# Monster watch club [height >16mm only]



## BenL

I've seen a lot of giant watches recently on the WRUW threads. Thought I'd start one here to get a good collection of them.

What are the thickest (in height) watches you guys have? 16mm and above only, please! 

Here's the thickest one I own, the Tag Heuer Carrera, coming in at 16mm (the bare minimum!):


----------



## Reno

BenL said:


> What are the thickest (in height) watches you guys have? 16mm and above only, please!


20mm thick YEMA Sous-Marine :-x
































































It's a big watch ! :-d

http://www.yema.com/


----------



## kiwidj

Reno said:


>


Awesome, mate...:-!


----------



## kiwidj

Here's what I got from my G-Shock collection. The classic Raysman and old school G-Shock Riseman. Three of each. These things sure are thick buggers...


----------



## kiwidj

I forgot to mention the thickness. These DW9100 Riseman models measure in at approx 20mm thick....


----------



## kiwidj

And the Raysman models measure in at approx 19mm (and 51mm in diameter btw)...


----------



## DCJ

Here are a few :-!

Anonimo Professionale Chrono










Breitling Chrono Avenger










Breitling Avenger Skyland



















All these are at least 16mm thick if not more ;-)

Don


----------



## BenL

Reno said:


> 20mm thick YEMA Sous-Marine :-x
> 
> 
> 
> 
> 
> 
> 
> 
> 
> 
> 
> 
> 
> 
> 
> 
> 
> 
> 
> 
> 
> 
> 
> 
> 
> 
> 
> 
> It's a big watch ! :-d
> 
> http://www.yema.com/


Great pics - definitely a big watch!


----------



## BenL

kiwidj said:


> Here's what I got from my G-Shock collection. The classic Raysman and old school G-Shock Riseman. Three of each. These things sure are thick buggers...
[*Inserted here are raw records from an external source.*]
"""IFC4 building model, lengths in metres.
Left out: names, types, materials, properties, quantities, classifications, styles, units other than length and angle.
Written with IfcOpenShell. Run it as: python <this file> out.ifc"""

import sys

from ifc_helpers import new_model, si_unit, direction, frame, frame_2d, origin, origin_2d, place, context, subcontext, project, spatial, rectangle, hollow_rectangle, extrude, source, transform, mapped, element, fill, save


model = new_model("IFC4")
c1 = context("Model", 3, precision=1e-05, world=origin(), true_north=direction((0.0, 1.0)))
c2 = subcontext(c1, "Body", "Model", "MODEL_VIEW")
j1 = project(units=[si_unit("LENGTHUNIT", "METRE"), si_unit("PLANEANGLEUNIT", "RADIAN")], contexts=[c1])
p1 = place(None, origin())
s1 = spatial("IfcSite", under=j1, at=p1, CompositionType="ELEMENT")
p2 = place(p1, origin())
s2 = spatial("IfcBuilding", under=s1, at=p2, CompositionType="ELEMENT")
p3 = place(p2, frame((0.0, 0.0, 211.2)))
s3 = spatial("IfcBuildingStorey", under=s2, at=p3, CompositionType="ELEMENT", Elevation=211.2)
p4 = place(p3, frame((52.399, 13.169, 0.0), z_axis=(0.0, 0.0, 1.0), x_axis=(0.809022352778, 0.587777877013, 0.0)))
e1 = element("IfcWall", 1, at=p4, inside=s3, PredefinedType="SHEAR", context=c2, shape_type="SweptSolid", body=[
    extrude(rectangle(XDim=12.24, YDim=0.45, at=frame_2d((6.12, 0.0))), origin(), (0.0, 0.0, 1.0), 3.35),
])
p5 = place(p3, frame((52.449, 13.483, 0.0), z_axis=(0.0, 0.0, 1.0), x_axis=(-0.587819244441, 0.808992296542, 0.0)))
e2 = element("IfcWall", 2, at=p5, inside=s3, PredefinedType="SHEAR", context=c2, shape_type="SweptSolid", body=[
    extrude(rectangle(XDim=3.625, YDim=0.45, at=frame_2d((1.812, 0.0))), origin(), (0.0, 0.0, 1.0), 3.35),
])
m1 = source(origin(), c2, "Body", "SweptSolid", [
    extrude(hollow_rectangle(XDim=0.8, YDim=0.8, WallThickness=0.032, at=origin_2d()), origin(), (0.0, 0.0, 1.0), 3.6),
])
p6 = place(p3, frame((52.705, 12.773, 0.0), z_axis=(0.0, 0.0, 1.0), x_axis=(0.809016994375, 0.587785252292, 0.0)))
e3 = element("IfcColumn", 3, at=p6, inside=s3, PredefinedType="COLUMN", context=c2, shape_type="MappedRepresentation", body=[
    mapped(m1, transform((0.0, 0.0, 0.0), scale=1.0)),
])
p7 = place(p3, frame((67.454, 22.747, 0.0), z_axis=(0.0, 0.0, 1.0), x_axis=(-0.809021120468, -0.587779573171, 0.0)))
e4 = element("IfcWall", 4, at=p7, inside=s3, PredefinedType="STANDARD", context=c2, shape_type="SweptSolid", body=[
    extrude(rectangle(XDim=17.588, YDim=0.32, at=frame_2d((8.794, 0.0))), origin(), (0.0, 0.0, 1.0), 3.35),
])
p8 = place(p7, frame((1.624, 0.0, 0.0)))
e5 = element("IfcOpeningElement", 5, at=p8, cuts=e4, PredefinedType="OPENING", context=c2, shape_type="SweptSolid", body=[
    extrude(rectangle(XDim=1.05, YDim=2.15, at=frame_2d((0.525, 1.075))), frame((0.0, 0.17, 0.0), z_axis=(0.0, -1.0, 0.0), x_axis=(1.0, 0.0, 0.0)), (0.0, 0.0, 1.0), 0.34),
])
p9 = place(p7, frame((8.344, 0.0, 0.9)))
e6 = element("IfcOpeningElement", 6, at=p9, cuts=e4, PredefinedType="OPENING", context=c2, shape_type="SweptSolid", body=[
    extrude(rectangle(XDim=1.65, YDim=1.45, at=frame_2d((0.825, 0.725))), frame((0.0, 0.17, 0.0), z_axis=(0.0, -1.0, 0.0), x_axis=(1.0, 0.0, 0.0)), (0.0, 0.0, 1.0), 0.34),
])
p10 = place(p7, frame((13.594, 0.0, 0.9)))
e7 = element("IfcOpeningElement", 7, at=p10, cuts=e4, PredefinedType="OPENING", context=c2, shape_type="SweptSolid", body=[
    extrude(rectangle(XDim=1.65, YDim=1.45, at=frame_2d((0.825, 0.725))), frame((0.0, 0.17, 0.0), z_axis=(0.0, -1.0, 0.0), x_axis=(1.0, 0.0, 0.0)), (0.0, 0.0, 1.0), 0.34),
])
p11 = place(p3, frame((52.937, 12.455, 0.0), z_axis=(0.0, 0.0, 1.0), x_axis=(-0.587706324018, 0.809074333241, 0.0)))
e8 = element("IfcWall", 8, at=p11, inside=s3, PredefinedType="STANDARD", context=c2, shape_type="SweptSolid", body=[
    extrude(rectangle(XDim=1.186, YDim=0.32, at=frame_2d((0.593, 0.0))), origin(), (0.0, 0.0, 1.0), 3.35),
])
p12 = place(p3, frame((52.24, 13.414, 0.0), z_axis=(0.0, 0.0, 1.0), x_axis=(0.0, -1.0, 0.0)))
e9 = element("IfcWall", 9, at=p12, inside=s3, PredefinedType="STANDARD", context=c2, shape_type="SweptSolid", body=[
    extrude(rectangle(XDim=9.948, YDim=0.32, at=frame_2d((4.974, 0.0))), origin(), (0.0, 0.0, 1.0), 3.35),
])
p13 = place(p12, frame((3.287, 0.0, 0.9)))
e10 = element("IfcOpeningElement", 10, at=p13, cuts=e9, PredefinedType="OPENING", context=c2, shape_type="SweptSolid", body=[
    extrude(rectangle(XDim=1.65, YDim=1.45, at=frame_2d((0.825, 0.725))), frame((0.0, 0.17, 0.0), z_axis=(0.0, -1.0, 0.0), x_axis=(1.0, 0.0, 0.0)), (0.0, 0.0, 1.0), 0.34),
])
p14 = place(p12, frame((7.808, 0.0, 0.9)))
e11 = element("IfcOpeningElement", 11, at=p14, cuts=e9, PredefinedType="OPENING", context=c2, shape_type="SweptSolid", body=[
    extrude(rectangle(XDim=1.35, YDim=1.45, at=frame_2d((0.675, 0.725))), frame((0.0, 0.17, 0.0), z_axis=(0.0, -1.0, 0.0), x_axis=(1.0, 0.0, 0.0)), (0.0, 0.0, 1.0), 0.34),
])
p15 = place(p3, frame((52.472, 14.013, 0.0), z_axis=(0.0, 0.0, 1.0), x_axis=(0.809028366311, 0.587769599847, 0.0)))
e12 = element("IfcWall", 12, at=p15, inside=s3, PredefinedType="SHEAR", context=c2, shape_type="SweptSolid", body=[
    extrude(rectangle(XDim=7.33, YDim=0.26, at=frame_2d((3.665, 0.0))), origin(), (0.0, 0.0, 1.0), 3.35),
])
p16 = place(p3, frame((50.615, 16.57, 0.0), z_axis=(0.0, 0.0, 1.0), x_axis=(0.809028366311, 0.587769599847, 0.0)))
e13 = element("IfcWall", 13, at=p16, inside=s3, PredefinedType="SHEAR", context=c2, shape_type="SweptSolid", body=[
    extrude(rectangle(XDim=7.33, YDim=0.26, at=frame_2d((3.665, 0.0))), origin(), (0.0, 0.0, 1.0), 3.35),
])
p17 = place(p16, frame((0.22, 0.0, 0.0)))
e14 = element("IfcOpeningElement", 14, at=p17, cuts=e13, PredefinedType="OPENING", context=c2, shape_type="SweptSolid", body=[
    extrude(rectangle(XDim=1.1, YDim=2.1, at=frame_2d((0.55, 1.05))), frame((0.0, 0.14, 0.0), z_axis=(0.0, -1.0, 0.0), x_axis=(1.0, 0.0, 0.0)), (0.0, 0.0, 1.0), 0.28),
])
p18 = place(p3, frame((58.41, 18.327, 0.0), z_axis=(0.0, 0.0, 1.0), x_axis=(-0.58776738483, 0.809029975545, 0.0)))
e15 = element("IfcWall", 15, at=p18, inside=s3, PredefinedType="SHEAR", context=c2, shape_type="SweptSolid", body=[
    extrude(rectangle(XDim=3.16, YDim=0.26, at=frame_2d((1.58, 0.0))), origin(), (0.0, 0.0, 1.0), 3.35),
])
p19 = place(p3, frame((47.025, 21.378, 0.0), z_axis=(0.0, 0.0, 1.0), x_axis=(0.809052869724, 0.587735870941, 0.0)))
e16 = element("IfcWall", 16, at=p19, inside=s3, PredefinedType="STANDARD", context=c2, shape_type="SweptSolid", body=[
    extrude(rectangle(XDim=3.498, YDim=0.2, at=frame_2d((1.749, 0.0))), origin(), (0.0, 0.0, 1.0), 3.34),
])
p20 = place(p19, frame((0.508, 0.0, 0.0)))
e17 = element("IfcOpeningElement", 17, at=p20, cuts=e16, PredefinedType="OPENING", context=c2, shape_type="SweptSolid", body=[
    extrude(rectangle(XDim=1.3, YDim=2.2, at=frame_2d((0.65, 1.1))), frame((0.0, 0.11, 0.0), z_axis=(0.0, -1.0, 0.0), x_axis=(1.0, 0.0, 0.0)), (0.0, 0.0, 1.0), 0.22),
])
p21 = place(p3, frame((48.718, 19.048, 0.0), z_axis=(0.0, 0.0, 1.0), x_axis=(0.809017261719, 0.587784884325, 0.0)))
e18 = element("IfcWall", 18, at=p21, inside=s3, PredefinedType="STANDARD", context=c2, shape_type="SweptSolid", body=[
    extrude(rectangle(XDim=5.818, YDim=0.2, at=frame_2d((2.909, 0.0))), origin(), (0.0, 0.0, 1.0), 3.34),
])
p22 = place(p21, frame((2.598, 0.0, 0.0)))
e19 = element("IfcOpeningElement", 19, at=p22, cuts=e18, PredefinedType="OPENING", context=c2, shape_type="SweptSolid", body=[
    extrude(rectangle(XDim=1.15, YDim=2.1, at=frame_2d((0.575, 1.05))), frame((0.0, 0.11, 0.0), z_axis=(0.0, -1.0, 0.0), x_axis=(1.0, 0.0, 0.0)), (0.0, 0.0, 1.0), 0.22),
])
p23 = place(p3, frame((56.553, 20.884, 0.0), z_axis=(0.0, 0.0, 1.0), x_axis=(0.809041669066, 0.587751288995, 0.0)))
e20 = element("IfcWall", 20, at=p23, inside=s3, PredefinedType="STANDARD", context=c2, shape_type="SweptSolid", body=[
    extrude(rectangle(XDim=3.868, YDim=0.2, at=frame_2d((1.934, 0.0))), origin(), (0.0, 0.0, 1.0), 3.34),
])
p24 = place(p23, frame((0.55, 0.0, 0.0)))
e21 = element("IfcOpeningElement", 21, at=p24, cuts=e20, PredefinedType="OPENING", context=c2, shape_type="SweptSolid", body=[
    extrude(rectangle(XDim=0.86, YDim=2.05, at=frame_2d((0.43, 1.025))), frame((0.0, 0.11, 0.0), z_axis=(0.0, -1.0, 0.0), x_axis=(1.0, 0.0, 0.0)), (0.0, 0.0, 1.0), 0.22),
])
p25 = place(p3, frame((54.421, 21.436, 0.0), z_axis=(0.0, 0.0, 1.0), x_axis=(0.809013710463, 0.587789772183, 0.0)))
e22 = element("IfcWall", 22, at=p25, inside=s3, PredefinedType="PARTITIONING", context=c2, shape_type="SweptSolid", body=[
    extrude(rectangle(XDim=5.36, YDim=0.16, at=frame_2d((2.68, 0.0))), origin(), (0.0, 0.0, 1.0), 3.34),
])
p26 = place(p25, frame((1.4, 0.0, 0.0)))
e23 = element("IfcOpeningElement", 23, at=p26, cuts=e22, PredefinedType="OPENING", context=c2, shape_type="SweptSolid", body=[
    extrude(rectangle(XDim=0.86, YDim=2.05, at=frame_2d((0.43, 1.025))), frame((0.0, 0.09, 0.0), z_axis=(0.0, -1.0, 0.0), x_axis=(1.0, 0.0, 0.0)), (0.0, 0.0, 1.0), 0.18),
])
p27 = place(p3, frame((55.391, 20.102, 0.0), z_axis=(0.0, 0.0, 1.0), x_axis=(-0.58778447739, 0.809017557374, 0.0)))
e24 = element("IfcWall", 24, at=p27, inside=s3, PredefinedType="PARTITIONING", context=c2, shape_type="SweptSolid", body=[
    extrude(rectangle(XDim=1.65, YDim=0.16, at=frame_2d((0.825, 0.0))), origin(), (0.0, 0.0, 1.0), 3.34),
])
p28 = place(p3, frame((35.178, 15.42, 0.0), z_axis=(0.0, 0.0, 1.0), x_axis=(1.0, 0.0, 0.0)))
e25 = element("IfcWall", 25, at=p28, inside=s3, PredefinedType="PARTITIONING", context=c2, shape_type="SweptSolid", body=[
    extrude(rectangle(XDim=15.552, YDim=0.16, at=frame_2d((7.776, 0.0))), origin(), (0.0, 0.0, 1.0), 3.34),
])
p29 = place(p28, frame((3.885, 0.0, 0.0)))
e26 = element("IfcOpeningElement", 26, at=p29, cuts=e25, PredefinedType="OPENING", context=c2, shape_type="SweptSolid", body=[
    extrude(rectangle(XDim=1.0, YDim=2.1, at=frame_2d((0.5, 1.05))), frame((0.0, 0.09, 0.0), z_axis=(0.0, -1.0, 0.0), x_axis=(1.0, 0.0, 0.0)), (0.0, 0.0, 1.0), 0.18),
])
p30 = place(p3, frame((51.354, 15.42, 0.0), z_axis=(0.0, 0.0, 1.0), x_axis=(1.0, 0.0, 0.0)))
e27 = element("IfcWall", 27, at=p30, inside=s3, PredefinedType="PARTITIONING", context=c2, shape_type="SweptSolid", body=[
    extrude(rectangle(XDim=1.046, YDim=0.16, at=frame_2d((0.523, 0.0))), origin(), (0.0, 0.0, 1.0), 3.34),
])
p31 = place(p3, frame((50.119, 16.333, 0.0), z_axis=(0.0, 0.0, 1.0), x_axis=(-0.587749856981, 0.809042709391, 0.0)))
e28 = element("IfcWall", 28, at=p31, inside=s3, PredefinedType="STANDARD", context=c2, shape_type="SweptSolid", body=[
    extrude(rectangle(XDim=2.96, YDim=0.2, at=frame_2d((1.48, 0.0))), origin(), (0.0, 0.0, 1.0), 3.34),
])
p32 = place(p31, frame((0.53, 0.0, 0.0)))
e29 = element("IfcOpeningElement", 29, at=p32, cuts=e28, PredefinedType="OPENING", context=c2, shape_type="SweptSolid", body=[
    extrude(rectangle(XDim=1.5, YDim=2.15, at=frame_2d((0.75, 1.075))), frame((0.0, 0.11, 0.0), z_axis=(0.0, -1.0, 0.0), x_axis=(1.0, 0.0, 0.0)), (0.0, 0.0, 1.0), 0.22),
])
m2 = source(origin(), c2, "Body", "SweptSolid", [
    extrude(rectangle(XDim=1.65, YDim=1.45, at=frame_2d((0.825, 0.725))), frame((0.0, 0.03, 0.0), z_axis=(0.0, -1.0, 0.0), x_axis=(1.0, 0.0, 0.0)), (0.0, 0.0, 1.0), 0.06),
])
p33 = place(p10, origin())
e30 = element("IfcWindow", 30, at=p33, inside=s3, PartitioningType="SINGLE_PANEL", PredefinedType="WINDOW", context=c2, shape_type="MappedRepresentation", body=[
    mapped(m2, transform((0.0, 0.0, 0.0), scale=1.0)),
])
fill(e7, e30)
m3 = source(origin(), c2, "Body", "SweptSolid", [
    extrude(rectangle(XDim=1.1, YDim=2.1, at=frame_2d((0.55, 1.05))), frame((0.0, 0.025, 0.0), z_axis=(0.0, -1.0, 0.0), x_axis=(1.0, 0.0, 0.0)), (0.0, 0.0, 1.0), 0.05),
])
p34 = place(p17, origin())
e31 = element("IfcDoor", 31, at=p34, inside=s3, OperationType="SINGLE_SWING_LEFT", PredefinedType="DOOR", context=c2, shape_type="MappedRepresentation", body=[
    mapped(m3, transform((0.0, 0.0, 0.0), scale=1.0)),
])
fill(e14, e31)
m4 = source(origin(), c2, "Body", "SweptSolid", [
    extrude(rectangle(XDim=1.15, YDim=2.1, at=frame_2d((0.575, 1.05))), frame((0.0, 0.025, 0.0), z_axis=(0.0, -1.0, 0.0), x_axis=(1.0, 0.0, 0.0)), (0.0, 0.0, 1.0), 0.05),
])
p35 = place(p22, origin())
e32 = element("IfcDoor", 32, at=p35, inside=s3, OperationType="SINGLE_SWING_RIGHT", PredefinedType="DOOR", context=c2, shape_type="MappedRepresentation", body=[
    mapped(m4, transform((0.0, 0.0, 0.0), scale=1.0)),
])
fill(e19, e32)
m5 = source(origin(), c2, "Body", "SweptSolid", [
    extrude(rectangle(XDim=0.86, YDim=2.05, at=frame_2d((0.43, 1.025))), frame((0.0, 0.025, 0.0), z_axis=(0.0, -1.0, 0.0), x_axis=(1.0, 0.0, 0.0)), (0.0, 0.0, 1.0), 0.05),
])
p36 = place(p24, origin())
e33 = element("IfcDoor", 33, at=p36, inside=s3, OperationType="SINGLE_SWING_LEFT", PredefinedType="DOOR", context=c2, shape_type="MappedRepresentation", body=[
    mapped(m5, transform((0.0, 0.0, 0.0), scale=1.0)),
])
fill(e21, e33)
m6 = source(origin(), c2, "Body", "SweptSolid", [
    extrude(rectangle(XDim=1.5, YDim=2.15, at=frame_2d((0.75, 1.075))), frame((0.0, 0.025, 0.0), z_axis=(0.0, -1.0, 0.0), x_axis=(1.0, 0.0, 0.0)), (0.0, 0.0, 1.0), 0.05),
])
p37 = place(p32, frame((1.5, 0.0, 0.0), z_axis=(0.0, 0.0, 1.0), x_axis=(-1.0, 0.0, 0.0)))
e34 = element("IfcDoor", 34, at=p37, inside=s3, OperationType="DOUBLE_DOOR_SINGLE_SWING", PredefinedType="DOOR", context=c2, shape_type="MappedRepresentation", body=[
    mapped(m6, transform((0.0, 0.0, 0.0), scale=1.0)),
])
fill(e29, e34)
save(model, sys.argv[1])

Wow didn't know you had 3 of each, Dave. That's tremendous! Nicely done. :-!


----------



## BenL

DCJ said:


> Here are a few :-!
> 
> Anonimo Professionale Chrono
> 
> 
> 
> 
> 
> 
> 
> 
> 
> 
> All these are at least 16mm thick if not more ;-)
> 
> Don


For sure, especially that Anonimo! :-!


----------



## kiwidj

BenL said:


> Wow didn't know you had 3 of each, Dave. That's tremendous! Nicely done. :-!


:thanks


----------



## BenL

I don't own this watch, but I keep seeing it show up on other parts of the forum. What an amazing watch - I think it is 28.5mm in height.










:-!


----------



## Brother Rat

Breitling Ti ASW... 18.5mm I think?


----------



## BenL

Brother Rat said:


> Breitling Ti ASW... 18.5mm I think?


Yup, looks about right. :-!


----------



## chaumont

Orange Bead Blasted Zilla !
A Whopping 19mm
Thats one big hunka metal......


----------



## BenL

chaumont said:


> Orange Bead Blasted Zilla !
> A Whopping 19mm
> Thats one big hunka metal......


Holy moly, it's like a tuna can on your wrist! :-d

Big hunk, indeed. Awesome watch! :-!


----------



## Reno

kiwidj said:


> Awesome, mate...:-!





BenL said:


> Great pics - definitely a big watch!


:thanks guys...


----------



## BenL

Reno said:


> :thanks guys...


You worry about hitting it against stuff when you wear it out?


----------



## polishammer

Some of your watches make my JSAR small... :-!










Something got stuck on top of it o|


----------



## Andre Christiansen

My biggest, the DS2000, way too big for me. Once I got it, two years ago, I sized the braclet, and I have`nt worn it since
(well, atleast not outside my apartment). It will never fit under a shirt cuff, and it will shread your sweater or jacket,
the bezel edge is really sharp. Bezel width 48 mm, height at 12 o`clock 21 mm and 16 mm at 6.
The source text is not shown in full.